Обучение занимает всего несколько часов. Мой кассовый аппарат — это маленький поворотный iPad. Я показываю им интерфейс, и они знакомятся с эспрессо-машиной. Они оба раньше работали в кофейнях, так что знают, что к чему. Единственное отличие здесь в том, что на продажу также будут выставлены произведения искусства. Абстрактные картины моей мамы уже висят на стене, наполняя пространство столь необходимыми цветовыми брызгами. Вдобавок к ее масштабным полотнам вдоль стены рядом с кафе-баром установлены полки, на которых будут выставлены принты, футболки, мелкие гончарные изделия, а также товары под брендом NOLA. Прямо сейчас полки не так полны, как мне бы хотелось, но это придет со временем. Мне пришлось заполнить пространство стопкой кофейных кружек. Бариста впечатлены тем, что мне удалось сделать с помещением за столь короткое время. Я сомневаюсь, стоит ли им верить, поскольку они у меня на зарплате, но Бо настаивает, что они честны.

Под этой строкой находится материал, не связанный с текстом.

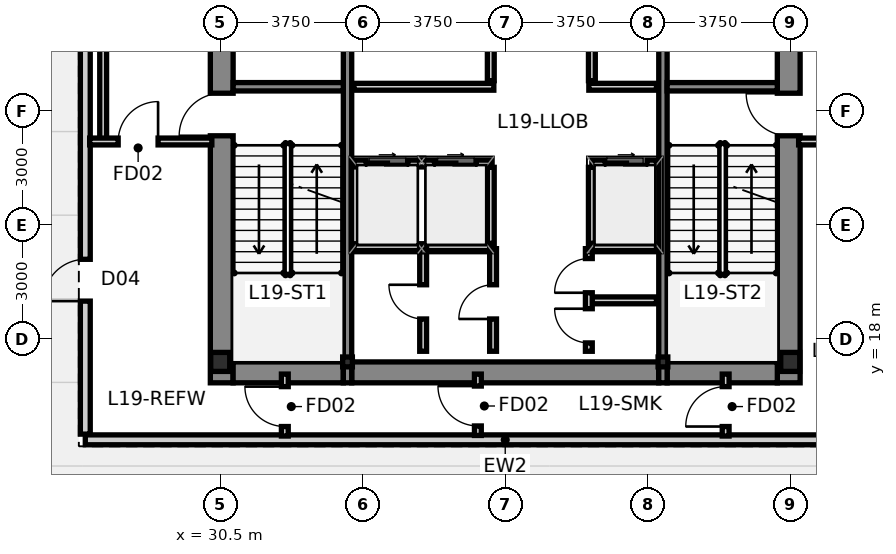
"""IFC4 building model, lengths in metres.
Left out: names, types, materials, properties, quantities, classifications, styles, units other than length and angle.
Written with IfcOpenShell. Run it as: python <this file> out.ifc"""

import sys

from ifc_helpers import new_model, si_unit, direction, frame, frame_2d, origin, origin_2d, place, context, subcontext, project, spatial, rectangle, i_section, extrude, source, transform, mapped, element, fill, save


model = new_model("IFC4")
c1 = context("Model", 3, precision=1e-05, world=origin(), true_north=direction((0.0, 1.0)))
c2 = subcontext(c1, "Body", "Model", "MODEL_VIEW")
j1 = project(units=[si_unit("LENGTHUNIT", "METRE"), si_unit("PLANEANGLEUNIT", "RADIAN")], contexts=[c1])
p1 = place(None, origin())
s1 = spatial("IfcSite", under=j1, at=p1, CompositionType="ELEMENT")
p2 = place(p1, origin())
s2 = spatial("IfcBuilding", under=s1, at=p2, CompositionType="ELEMENT")
p3 = place(p2, frame((0.0, 0.0, 75.05)))
s3 = spatial("IfcBuildingStorey", under=s2, at=p3, CompositionType="ELEMENT", Elevation=75.05)
m1 = source(origin(), c2, "Body", "SweptSolid", [
    extrude(i_section(OverallWidth=0.5, OverallDepth=0.5, WebThickness=0.028, FlangeThickness=0.04, at=origin_2d()), origin(), (0.0, 0.0, 1.0), 4.8),
])
for number, where, z_axis, x_axis in (
    (1, (30.5, 17.4, 0.0), (0.0, 0.0, 1.0), (1.0, 0.0, 0.0)),
    (2, (45.5, 17.4, 0.0), (0.0, 0.0, 1.0), (1.0, 0.0, 0.0)),
):
    element("IfcColumn", number, at=place(p3, frame(where, z_axis=z_axis, x_axis=x_axis)), inside=s3, PredefinedType="COLUMN", context=c2, shape_type="MappedRepresentation", body=[
        mapped(m1, transform((0.0, 0.0, 0.0), scale=1.0)),
    ])
m2 = source(origin(), c2, "Body", "SweptSolid", [
    extrude(i_section(OverallWidth=0.256, OverallDepth=0.26, WebThickness=0.01, FlangeThickness=0.017, at=origin_2d()), origin(), (0.0, 0.0, 1.0), 4.8),
])
for number, where, z_axis, x_axis in (
    (3, (33.85, 17.4, 0.0), (0.0, 0.0, 1.0), (1.0, 0.0, 0.0)),
    (4, (42.15, 17.4, 0.0), (0.0, 0.0, 1.0), (1.0, 0.0, 0.0)),
):
    element("IfcColumn", number, at=place(p3, frame(where, z_axis=z_axis, x_axis=x_axis)), inside=s3, PredefinedType="COLUMN", context=c2, shape_type="MappedRepresentation", body=[
        mapped(m2, transform((0.0, 0.0, 0.0), scale=1.0)),
    ])
p4 = place(p3, frame((30.54, 16.85, 0.0), z_axis=(0.0, 0.0, 1.0), x_axis=(0.0, 1.0, 0.0)))
e5 = element("IfcWall", 5, at=p4, inside=s3, PredefinedType="SHEAR", context=c2, shape_type="SweptSolid", body=[
    extrude(rectangle(XDim=13.425, YDim=0.6, at=frame_2d((6.712, 0.0))), origin(), (0.0, 0.0, 1.0), 4.8),
])
p5 = place(p4, frame((6.5, 0.0, 0.0)))
e6 = element("IfcOpeningElement", 6, at=p5, cuts=e5, PredefinedType="OPENING", context=c2, shape_type="SweptSolid", body=[
    extrude(rectangle(XDim=1.12, YDim=2.15, at=frame_2d((0.56, 1.075))), frame((0.0, 0.312, 0.0), z_axis=(0.0, -1.0, 0.0), x_axis=(1.0, 0.0, 0.0)), (0.0, 0.0, 1.0), 0.624),
])
p6 = place(p4, frame((10.95, 0.0, 0.0)))
e7 = element("IfcOpeningElement", 7, at=p6, cuts=e5, PredefinedType="OPENING", context=c2, shape_type="SweptSolid", body=[
    extrude(rectangle(XDim=1.2, YDim=2.2, at=frame_2d((0.6, 1.1))), frame((0.0, 0.312, 0.0), z_axis=(0.0, -1.0, 0.0), x_axis=(1.0, 0.0, 0.0)), (0.0, 0.0, 1.0), 0.624),
])
p7 = place(p3, frame((45.46, 16.85, 0.0), z_axis=(0.0, 0.0, 1.0), x_axis=(0.0, 1.0, 0.0)))
e8 = element("IfcWall", 8, at=p7, inside=s3, PredefinedType="SHEAR", context=c2, shape_type="SweptSolid", body=[
    extrude(rectangle(XDim=13.425, YDim=0.6, at=frame_2d((6.712, 0.0))), origin(), (0.0, 0.0, 1.0), 4.8),
])
p8 = place(p7, frame((6.5, 0.0, 0.0)))
e9 = element("IfcOpeningElement", 9, at=p8, cuts=e8, PredefinedType="OPENING", context=c2, shape_type="SweptSolid", body=[
    extrude(rectangle(XDim=1.12, YDim=2.15, at=frame_2d((0.56, 1.075))), frame((0.0, 0.312, 0.0), z_axis=(0.0, -1.0, 0.0), x_axis=(1.0, 0.0, 0.0)), (0.0, 0.0, 1.0), 0.624),
])
p9 = place(p7, frame((10.95, 0.0, 0.0)))
e10 = element("IfcOpeningElement", 10, at=p9, cuts=e8, PredefinedType="OPENING", context=c2, shape_type="SweptSolid", body=[
    extrude(rectangle(XDim=1.2, YDim=2.2, at=frame_2d((0.6, 1.1))), frame((0.0, 0.312, 0.0), z_axis=(0.0, -1.0, 0.0), x_axis=(1.0, 0.0, 0.0)), (0.0, 0.0, 1.0), 0.624),
])
p10 = place(p3, frame((30.84, 17.125, 0.0), z_axis=(0.0, 0.0, 1.0), x_axis=(1.0, 0.0, 0.0)))
e11 = element("IfcWall", 11, at=p10, inside=s3, PredefinedType="SHEAR", context=c2, shape_type="SweptSolid", body=[
    extrude(rectangle(XDim=2.9, YDim=0.55, at=frame_2d((1.45, 0.0))), origin(), (0.0, 0.0, 1.0), 4.8),
])
p11 = place(p3, frame((33.96, 17.125, 0.0), z_axis=(0.0, 0.0, 1.0), x_axis=(1.0, 0.0, 0.0)))
e12 = element("IfcWall", 12, at=p11, inside=s3, PredefinedType="SHEAR", context=c2, shape_type="SweptSolid", body=[
    extrude(rectangle(XDim=8.08, YDim=0.55, at=frame_2d((4.04, 0.0))), origin(), (0.0, 0.0, 1.0), 4.8),
])
p12 = place(p3, frame((42.26, 17.125, 0.0), z_axis=(0.0, 0.0, 1.0), x_axis=(1.0, 0.0, 0.0)))
e13 = element("IfcWall", 13, at=p12, inside=s3, PredefinedType="SHEAR", context=c2, shape_type="SweptSolid", body=[
    extrude(rectangle(XDim=2.9, YDim=0.55, at=frame_2d((1.45, 0.0))), origin(), (0.0, 0.0, 1.0), 4.8),
])
for number, where, z_axis, x_axis in (
    (14, (33.85, 16.85, 0.0), (0.0, 0.0, 1.0), (0.0, 1.0, 0.0)),
    (15, (42.15, 16.85, 0.0), (0.0, 0.0, 1.0), (0.0, 1.0, 0.0)),
):
    element("IfcWall", number, at=place(p3, frame(where, z_axis=z_axis, x_axis=x_axis)), inside=s3, PredefinedType="SHEAR", context=c2, shape_type="SweptSolid", body=[
        extrude(rectangle(XDim=13.425, YDim=0.22, at=frame_2d((6.712, 0.0))), origin(), (0.0, 0.0, 1.0), 4.8),
    ])
for number, where, z_axis, x_axis in (
    (16, (30.84, 24.64, 0.0), (0.0, 0.0, 1.0), (1.0, 0.0, 0.0)),
    (17, (42.26, 24.64, 0.0), (0.0, 0.0, 1.0), (1.0, 0.0, 0.0)),
):
    element("IfcWall", number, at=place(p3, frame(where, z_axis=z_axis, x_axis=x_axis)), inside=s3, PredefinedType="SHEAR", context=c2, shape_type="SweptSolid", body=[
        extrude(rectangle(XDim=2.9, YDim=0.22, at=frame_2d((1.45, 0.0))), origin(), (0.0, 0.0, 1.0), 4.8),
    ])
p13 = place(p3, frame((26.95, 15.35, 0.0), z_axis=(0.0, 0.0, 1.0), x_axis=(1.0, 0.0, 0.0)))
e18 = element("IfcWall", 18, at=p13, inside=s3, PredefinedType="STANDARD", context=c2, shape_type="SweptSolid", body=[
    extrude(rectangle(XDim=22.1, YDim=0.26, at=frame_2d((11.05, 0.0))), origin(), (0.0, 0.0, 1.0), 4.176),
])
p14 = place(p3, frame((26.95, 15.5, 0.0), z_axis=(0.0, 0.0, 1.0), x_axis=(0.0, 1.0, 0.0)))
e19 = element("IfcWall", 19, at=p14, inside=s3, PredefinedType="STANDARD", context=c2, shape_type="SweptSolid", body=[
    extrude(rectangle(XDim=17.0, YDim=0.26, at=frame_2d((8.5, 0.0))), origin(), (0.0, 0.0, 1.0), 4.176),
])
p15 = place(p14, frame((3.5, 0.0, 0.0)))
e20 = element("IfcOpeningElement", 20, at=p15, cuts=e19, PredefinedType="OPENING", context=c2, shape_type="SweptSolid", body=[
    extrude(rectangle(XDim=1.1, YDim=2.2, at=frame_2d((0.55, 1.1))), frame((0.0, 0.142, 0.0), z_axis=(0.0, -1.0, 0.0), x_axis=(1.0, 0.0, 0.0)), (0.0, 0.0, 1.0), 0.284),
])
p16 = place(p3, frame((34.02, 22.62, 0.0), z_axis=(0.0, 0.0, 1.0), x_axis=(1.0, 0.0, 0.0)))
e21 = element("IfcWall", 21, at=p16, inside=s3, PredefinedType="PARTITIONING", context=c2, shape_type="SweptSolid", body=[
    extrude(rectangle(XDim=3.6, YDim=0.18, at=frame_2d((1.8, 0.0))), origin(), (0.0, 0.0, 1.0), 4.55),
])
p17 = place(p16, frame((0.32, 0.0, 0.0)))
e22 = element("IfcOpeningElement", 22, at=p17, cuts=e21, PredefinedType="OPENING", context=c2, shape_type="SweptSolid", body=[
    extrude(rectangle(XDim=1.1, YDim=2.2, at=frame_2d((0.55, 1.1))), frame((0.0, 0.102, 0.0), z_axis=(0.0, -1.0, 0.0), x_axis=(1.0, 0.0, 0.0)), (0.0, 0.0, 1.0), 0.204),
])
p18 = place(p16, frame((2.12, 0.0, 0.0)))
e23 = element("IfcOpeningElement", 23, at=p18, cuts=e21, PredefinedType="OPENING", context=c2, shape_type="SweptSolid", body=[
    extrude(rectangle(XDim=1.1, YDim=2.2, at=frame_2d((0.55, 1.1))), frame((0.0, 0.102, 0.0), z_axis=(0.0, -1.0, 0.0), x_axis=(1.0, 0.0, 0.0)), (0.0, 0.0, 1.0), 0.204),
])
p19 = place(p3, frame((40.28, 22.62, 0.0), z_axis=(0.0, 0.0, 1.0), x_axis=(1.0, 0.0, 0.0)))
e24 = element("IfcWall", 24, at=p19, inside=s3, PredefinedType="PARTITIONING", context=c2, shape_type="SweptSolid", body=[
    extrude(rectangle(XDim=1.7, YDim=0.18, at=frame_2d((0.85, 0.0))), origin(), (0.0, 0.0, 1.0), 4.55),
])
p20 = place(p19, frame((0.35, 0.0, 0.0)))
e25 = element("IfcOpeningElement", 25, at=p20, cuts=e24, PredefinedType="OPENING", context=c2, shape_type="SweptSolid", body=[
    extrude(rectangle(XDim=1.1, YDim=2.2, at=frame_2d((0.55, 1.1))), frame((0.0, 0.102, 0.0), z_axis=(0.0, -1.0, 0.0), x_axis=(1.0, 0.0, 0.0)), (0.0, 0.0, 1.0), 0.204),
])
for number, where, z_axis, x_axis in (
    (26, (37.62, 20.52, 0.0), (0.0, 0.0, 1.0), (0.0, 1.0, 0.0)),
    (27, (40.28, 20.52, 0.0), (0.0, 0.0, 1.0), (0.0, 1.0, 0.0)),
    (28, (37.62, 24.8, 0.0), (0.0, 0.0, 1.0), (0.0, 1.0, 0.0)),
    (29, (40.28, 24.8, 0.0), (0.0, 0.0, 1.0), (0.0, 1.0, 0.0)),
):
    element("IfcWall", number, at=place(p3, frame(where, z_axis=z_axis, x_axis=x_axis)), inside=s3, PredefinedType="PARTITIONING", context=c2, shape_type="SweptSolid", body=[
        extrude(rectangle(XDim=2.0, YDim=0.18, at=frame_2d((1.0, 0.0))), origin(), (0.0, 0.0, 1.0), 4.55),
    ])
p21 = place(p3, frame((34.02, 24.64, 0.0), z_axis=(0.0, 0.0, 1.0), x_axis=(1.0, 0.0, 0.0)))
e30 = element("IfcWall", 30, at=p21, inside=s3, PredefinedType="PARTITIONING", context=c2, shape_type="SweptSolid", body=[
    extrude(rectangle(XDim=3.68, YDim=0.18, at=frame_2d((1.84, 0.0))), origin(), (0.0, 0.0, 1.0), 4.55),
])
p22 = place(p3, frame((40.2, 24.64, 0.0), z_axis=(0.0, 0.0, 1.0), x_axis=(1.0, 0.0, 0.0)))
e31 = element("IfcWall", 31, at=p22, inside=s3, PredefinedType="PARTITIONING", context=c2, shape_type="SweptSolid", body=[
    extrude(rectangle(XDim=1.78, YDim=0.18, at=frame_2d((0.89, 0.0))), origin(), (0.0, 0.0, 1.0), 4.55),
])
p23 = place(p3, frame((27.42, 23.2, 0.0), z_axis=(0.0, 0.0, 1.0), x_axis=(0.0, 1.0, 0.0)))
e32 = element("IfcWall", 32, at=p23, inside=s3, PredefinedType="PARTITIONING", context=c2, shape_type="SweptSolid", body=[
    extrude(rectangle(XDim=6.4, YDim=0.18, at=frame_2d((3.2, 0.0))), origin(), (0.0, 0.0, 1.0), 4.176),
])
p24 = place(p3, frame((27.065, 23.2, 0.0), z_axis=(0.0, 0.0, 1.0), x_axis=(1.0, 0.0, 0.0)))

Примерно в обеденное время приходят миссис Фортье и моя мама, чтобы обеспечить подкрепление. Теперь, когда они стали соседями, они проводят много времени вместе. Сегодня они скоординировали свои усилия. Миссис Фортье приносит бутерброды, а моя мама — свой фирменный лимонад. Мы с Бо отдельно предупреждаем его маму, чтобы она осторожно вылила его в раковину.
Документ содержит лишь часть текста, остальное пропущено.